Regarding discovering a new world of joy, if you're into jazz or the kind of avant-garde novelists he's into, or whatever, then like me, you'll get joy out of getting a fresh recommendation.

Pekar's the most respected non-illustrating, non-genre, non-fiction writer in comics, and right now he's the only one getting much attention. But there used to be a bunch of them: Dennis P. Eichhorn, the old fogies at Duplex Planet…where'd they all go? Any new talent on the horizon?

I think you've got me here, But you've also got me curious because I don't actually know those guys you mentioned, and now I'm really curious if there are any like that. Hmm, I am gonna find 'em!

Joyce Brabner

, Harvey's wife, is actually one and she's still writing with Harvey and on her own.

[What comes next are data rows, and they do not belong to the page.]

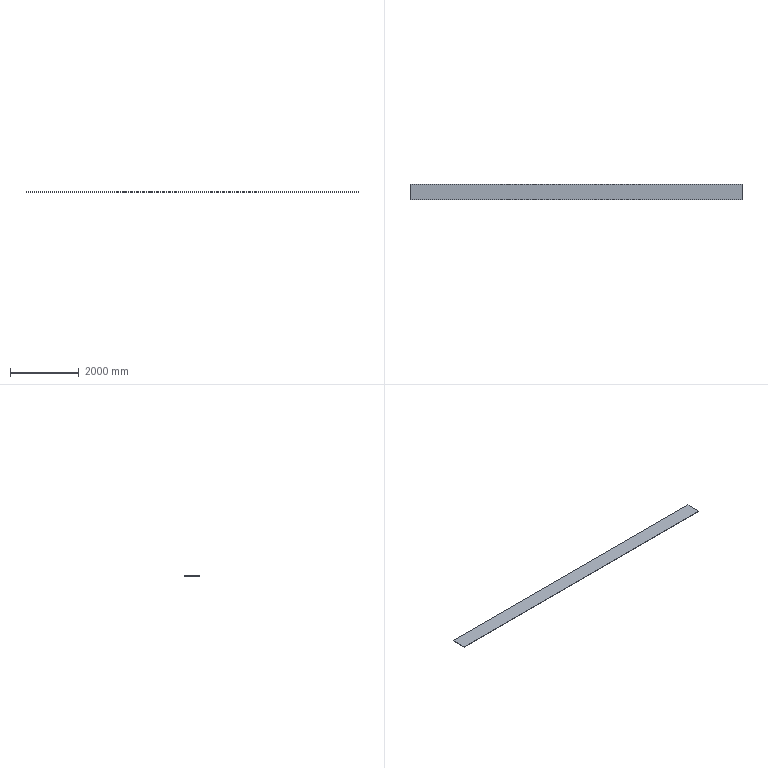Component | SolidWorks | Main-1_9940X450X10-1 | 1 solid | 6 faces | box 9670 x 450 x 10 mm | volume 43515000 mm3 | plane 6 | material Plain Carbon Steel
STEP:
#1=CARTESIAN_POINT('',(-132.764,84.501,219.527));
#2=VERTEX_POINT('',#1);
#3=CARTESIAN_POINT('',(-132.764,66.784,219.527));
#4=VERTEX_POINT('',#3);
#5=CARTESIAN_POINT('',(-132.764,84.501,219.527));
#6=DIRECTION('',(0.,-1.,-0.));
#7=VECTOR('',#6,39.37);
#8=LINE('',#5,#7);
#9=EDGE_CURVE('',#2,#4,#8,.T.);
#10=ORIENTED_EDGE('',*,*,#9,.F.);
#11=CARTESIAN_POINT('',(-132.764,84.501,219.133));
#12=VERTEX_POINT('',#11);
#13=CARTESIAN_POINT('',(-132.764,84.501,219.133));
#14=DIRECTION('',(0.,-0.,1.));
#15=VECTOR('',#14,39.37);
#16=LINE('',#13,#15);
#17=EDGE_CURVE('',#12,#2,#16,.T.);
#18=ORIENTED_EDGE('',*,*,#17,.F.);
#19=CARTESIAN_POINT('',(-132.764,66.784,219.133));
#20=VERTEX_POINT('',#19);
#21=CARTESIAN_POINT('',(-132.764,84.501,219.133));
#22=DIRECTION('',(0.,-1.,-0.));
#23=VECTOR('',#22,39.37);
#24=LINE('',#21,#23);
#25=EDGE_CURVE('',#12,#20,#24,.T.);
#26=ORIENTED_EDGE('',*,*,#25,.T.);
#27=CARTESIAN_POINT('',(-132.764,66.784,219.133));
#28=DIRECTION('',(0.,-0.,1.));
#29=VECTOR('',#28,39.37);
#30=LINE('',#27,#29);
#31=EDGE_CURVE('',#20,#4,#30,.T.);
#32=ORIENTED_EDGE('',*,*,#31,.T.);
#33=EDGE_LOOP('',(#10,#18,#26,#32));
#34=FACE_OUTER_BOUND('',#33,.T.);
#35=CARTESIAN_POINT('',(-132.764,84.501,219.133));
#36=DIRECTION('',(-1.,-0.,-0.));
#37=DIRECTION('',(0.,-1.,-0.));
#38=AXIS2_PLACEMENT_3D('',#35,#36,#37);
#39=PLANE('',#38);
#40=ADVANCED_FACE('',(#34),#39,.T.);
#41=CARTESIAN_POINT('',(247.945,84.501,219.527));
#42=VERTEX_POINT('',#41);
#43=CARTESIAN_POINT('',(-132.764,84.501,219.527));
#44=DIRECTION('',(-1.,0.,0.));
#45=VECTOR('',#44,39.37);
#46=LINE('',#43,#45);
#47=EDGE_CURVE('',#42,#2,#46,.T.);
#48=ORIENTED_EDGE('',*,*,#47,.F.);
#49=CARTESIAN_POINT('',(247.945,84.501,219.133));
#50=VERTEX_POINT('',#49);
#51=CARTESIAN_POINT('',(247.945,84.501,219.133));
#52=DIRECTION('',(0.,-0.,1.));
#53=VECTOR('',#52,39.37);
#54=LINE('',#51,#53);
#55=EDGE_CURVE('',#50,#42,#54,.T.);
#56=ORIENTED_EDGE('',*,*,#55,.F.);
#57=CARTESIAN_POINT('',(-132.764,84.501,219.133));
#58=DIRECTION('',(-1.,0.,0.));
#59=VECTOR('',#58,39.37);
#60=LINE('',#57,#59);
#61=EDGE_CURVE('',#50,#12,#60,.T.);
#62=ORIENTED_EDGE('',*,*,#61,.T.);
#63=ORIENTED_EDGE('',*,*,#17,.T.);
#64=EDGE_LOOP('',(#48,#56,#62,#63));
#65=FACE_OUTER_BOUND('',#64,.T.);
#66=CARTESIAN_POINT('',(-132.764,84.501,219.133));
#67=DIRECTION('',(0.,1.,0.));
#68=DIRECTION('',(-1.,0.,0.));
#69=AXIS2_PLACEMENT_3D('',#66,#67,#68);
#70=PLANE('',#69);
#71=ADVANCED_FACE('',(#65),#70,.T.);
#72=CARTESIAN_POINT('',(247.945,66.784,219.527));
#73=VERTEX_POINT('',#72);
#74=CARTESIAN_POINT('',(247.945,84.501,219.527));
#75=DIRECTION('',(0.,1.,0.));
#76=VECTOR('',#75,39.37);
#77=LINE('',#74,#76);
#78=EDGE_CURVE('',#73,#42,#77,.T.);
#79=ORIENTED_EDGE('',*,*,#78,.F.);
#80=CARTESIAN_POINT('',(247.945,66.784,219.133));
#81=VERTEX_POINT('',#80);
#82=CARTESIAN_POINT('',(247.945,66.784,219.133));
#83=DIRECTION('',(0.,-0.,1.));
#84=VECTOR('',#83,39.37);
#85=LINE('',#82,#84);
#86=EDGE_CURVE('',#81,#73,#85,.T.);
#87=ORIENTED_EDGE('',*,*,#86,.F.);
#88=CARTESIAN_POINT('',(247.945,84.501,219.133));
#89=DIRECTION('',(0.,1.,0.));
#90=VECTOR('',#89,39.37);
#91=LINE('',#88,#90);
#92=EDGE_CURVE('',#81,#50,#91,.T.);
#93=ORIENTED_EDGE('',*,*,#92,.T.);
#94=ORIENTED_EDGE('',*,*,#55,.T.);
#95=EDGE_LOOP('',(#79,#87,#93,#94));
#96=FACE_OUTER_BOUND('',#95,.T.);
#97=CARTESIAN_POINT('',(247.945,84.501,219.133));
#98=DIRECTION('',(1.,0.,0.));
#99=DIRECTION('',(0.,1.,0.));
#100=AXIS2_PLACEMENT_3D('',#97,#98,#99);
#101=PLANE('',#100);
#102=ADVANCED_FACE('',(#96),#101,.T.);
#103=CARTESIAN_POINT('',(-132.764,66.784,219.527));
#104=DIRECTION('',(1.,0.,0.));
#105=VECTOR('',#104,39.37);
#106=LINE('',#103,#105);
#107=EDGE_CURVE('',#4,#73,#106,.T.);
#108=ORIENTED_EDGE('',*,*,#107,.F.);
#109=ORIENTED_EDGE('',*,*,#31,.F.);
#110=CARTESIAN_POINT('',(-132.764,66.784,219.133));
#111=DIRECTION('',(1.,0.,0.));
#112=VECTOR('',#111,39.37);
#113=LINE('',#110,#112);
#114=EDGE_CURVE('',#20,#81,#113,.T.);
#115=ORIENTED_EDGE('',*,*,#114,.T.);
#116=ORIENTED_EDGE('',*,*,#86,.T.);
#117=EDGE_LOOP('',(#108,#109,#115,#116));
#118=FACE_OUTER_BOUND('',#117,.T.);
#119=CARTESIAN_POINT('',(-132.764,66.784,219.133));
#120=DIRECTION('',(0.,-1.,-0.));
#121=DIRECTION('',(1.,0.,0.));
#122=AXIS2_PLACEMENT_3D('',#119,#120,#121);
#123=PLANE('',#122);
#124=ADVANCED_FACE('',(#118),#123,.T.);
#125=ORIENTED_EDGE('',*,*,#25,.F.);
#126=ORIENTED_EDGE('',*,*,#61,.F.);
#127=ORIENTED_EDGE('',*,*,#92,.F.);
#128=ORIENTED_EDGE('',*,*,#114,.F.);
#129=EDGE_LOOP('',(#125,#126,#127,#128));
#130=FACE_OUTER_BOUND('',#129,.T.);
#131=CARTESIAN_POINT('',(-132.764,84.501,219.133));
#132=DIRECTION('',(0.,-0.,1.));
#133=DIRECTION('',(0.,-1.,-0.));
#134=AXIS2_PLACEMENT_3D('',#131,#132,#133);
#135=PLANE('',#134);
#136=ADVANCED_FACE('',(#130),#135,.F.);
#137=ORIENTED_EDGE('',*,*,#9,.T.);
#138=ORIENTED_EDGE('',*,*,#107,.T.);
#139=ORIENTED_EDGE('',*,*,#78,.T.);
#140=ORIENTED_EDGE('',*,*,#47,.T.);
#141=EDGE_LOOP('',(#137,#138,#139,#140));
#142=FACE_OUTER_BOUND('',#141,.T.);
#143=CARTESIAN_POINT('',(-132.764,84.501,219.527));
#144=DIRECTION('',(0.,-0.,1.));
#145=DIRECTION('',(0.,-1.,-0.));
#146=AXIS2_PLACEMENT_3D('',#143,#144,#145);
#147=PLANE('',#146);
#148=ADVANCED_FACE('',(#142),#147,.T.);
#149=CLOSED_SHELL('',(#40,#71,#102,#124,#136,#148));
#150=MANIFOLD_SOLID_BREP('',#149);
#151=CARTESIAN_POINT('',(0.,0.,0.));
#152=DIRECTION('',(0.,0.,1.));
#153=DIRECTION('',(1.,0.,0.));
#154=AXIS2_PLACEMENT_3D('',#151,#152,#153);
#155=(LENGTH_UNIT()NAMED_UNIT(*)SI_UNIT($,.METRE.));
#156=LENGTH_MEASURE_WITH_UNIT(LENGTH_MEASURE(0.0254),#155);
#157=DIMENSIONAL_EXPONENTS(1.,0.,0.,0.,0.,0.,0.);
#158=(CONVERSION_BASED_UNIT('',#156)LENGTH_UNIT()NAMED_UNIT(#157));
#159=UNCERTAINTY_MEASURE_WITH_UNIT(LENGTH_MEASURE(0.00001),#158,'','');
#160=(NAMED_UNIT(*)PLANE_ANGLE_UNIT()SI_UNIT($,.RADIAN.));
#161=(NAMED_UNIT(*)SI_UNIT($,.STERADIAN.)SOLID_ANGLE_UNIT());
#162=(GEOMETRIC_REPRESENTATION_CONTEXT(3)GLOBAL_UNCERTAINTY_ASSIGNED_CONTEXT((#159))GLOBAL_UNIT_ASSIGNED_CONTEXT((#158,#160,#161))REPRESENTATION_CONTEXT('',''));
#163=ADVANCED_BREP_SHAPE_REPRESENTATION('',(#150,#154),#162);
#164=COLOUR_RGB('',0.7922,0.8196,0.9333);
#165=FILL_AREA_STYLE_COLOUR('',#164);
#166=FILL_AREA_STYLE('',(#165));
#167=SURFACE_STYLE_FILL_AREA(#166);
#168=SURFACE_SIDE_STYLE('',(#167));
#169=SURFACE_STYLE_USAGE(.BOTH.,#168);
#170=PRESENTATION_STYLE_ASSIGNMENT((#169));
#171=STYLED_ITEM('',(#170),#150);
#172=(LENGTH_UNIT()NAMED_UNIT(*)SI_UNIT($,.METRE.));
#173=LENGTH_MEASURE_WITH_UNIT(LENGTH_MEASURE(0.0254),#172);
#174=DIMENSIONAL_EXPONENTS(1.,0.,0.,0.,0.,0.,0.);
#175=(CONVERSION_BASED_UNIT('',#173)LENGTH_UNIT()NAMED_UNIT(#174));
#176=UNCERTAINTY_MEASURE_WITH_UNIT(LENGTH_MEASURE(0.00001),#175,'','');
#177=(NAMED_UNIT(*)PLANE_ANGLE_UNIT()SI_UNIT($,.RADIAN.));
#178=(NAMED_UNIT(*)SI_UNIT($,.STERADIAN.)SOLID_ANGLE_UNIT());
#179=(GEOMETRIC_REPRESENTATION_CONTEXT(3)GLOBAL_UNCERTAINTY_ASSIGNED_CONTEXT((#176))GLOBAL_UNIT_ASSIGNED_CONTEXT((#175,#177,#178))REPRESENTATION_CONTEXT('',''));
#180=MECHANICAL_DESIGN_GEOMETRIC_PRESENTATION_REPRESENTATION('',(#171),#179);
#181=PRESENTATION_LAYER_ASSIGNMENT('','',(#171));

Harvey Pekar's been writing non-fiction comics for so long that he's been many things to many different eras. He started out as a pioneer and nearly created his own genre, then he and other auto-bio comics led a sort of gestalt against all the stupid superhero/adventure stuff. But nowadays, alternative comics are pretty established as their own genre, and many seem so darn twee, that Harvey seems like Bukowski or Hemingway in comparison. So many dudes and ladies drawing themselves as funny animals or groovy scenesters, all having healthy, introspective journeys of gentle self-discovery -- do you think it's gotten kind of samey?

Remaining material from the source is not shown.